The hybrid solar power plant may include one or more central receiver systems, one or more trough systems, one or more a dish-type reflective systems and/or other types of reflective systems by which solar radiation is focused on to a region to heat an HTF, which is then used to generate steam to operate a steam turbine to generate electricity with a steam generator. A hybrid solar power generation system having a central receiver system and a trough system is described in detail below. However, any number and/or types of solar power generation systems may be used to provide a hybrid solar power generation systems according to the disclosure.


Referring to FIG. 1, a method 20 of generating heat, power and/or electricity from solar energy includes heating a first heat transfer fluid to a temperature within a first temperature range with a first solar reflective system (block 22), and heating a second heat transfer fluid to a temperature within the first temperature range with the first heat transfer fluid (block 24). The method 20 further includes heating the second heat transfer fluid to a temperature within a second temperature range with a second solar reflective system coupled to the first solar reflective system (block 26), and supplying the first heat transfer fluid and the second heat transfer fluid to a power generation system (block 28).

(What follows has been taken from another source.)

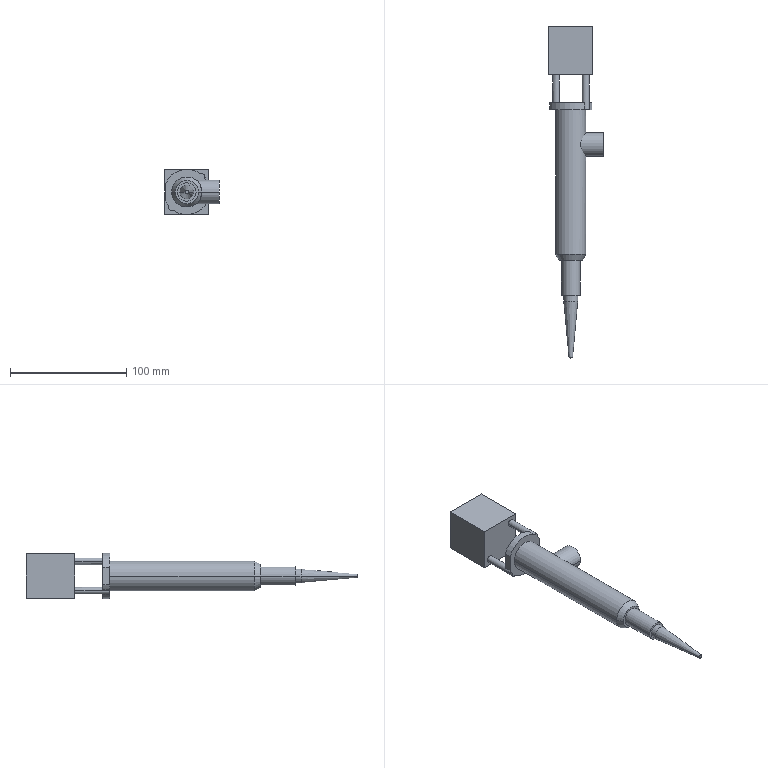Component | SolidWorks | RubberHead-2 | 4 solids | 41 faces | volume 151559 mm3 | plane 19 | cylinder 18 | cone 4 | commonest cylinder face diameters 20 x4 6 x4 39 x4 26 x2 12 x2 16 x2

FIG. 2 shows a block diagram of a hybrid solar power plant 50 (hereinafter referred to as the hybrid plant 50) according to one embodiment. The hybrid plant 50 includes a central receiver system 100, which may be also referred to as a first solar reflective system, a solar trough system 200 (hereinafter referred to the trough system 200), which may be also referred to as a second solar reflective system, and a power block 300, which may be referred to as a power generation system, all of which are operatively coupled to produce electricity from solar energy. The trough system 200 uses the energy of the sun to heat a first heat transfer fluid (HTF1) to about 300-400° C. (570-750° F.), i.e., a first temperature range. The central receiver system 100 uses the energy of the sun to heat a second heat transfer fluid (HTF2) to about 500-800° C. (930-1480° F.), i.e., a second temperature range. As shown in FIG. 2, both the hot HTF1 and the hot HTF2 are transferred to the power block 300. As described in detail below, the heat in the HTF1 and the HTF2 are used in the power block to generate electricity. The cooled HTF1 and HTF2, which are also referred to herein as the cold HTF1 and the cold HTF2 are returned to the trough system 200 and the central receiver system 100, respectively, to repeal the above-described cycle.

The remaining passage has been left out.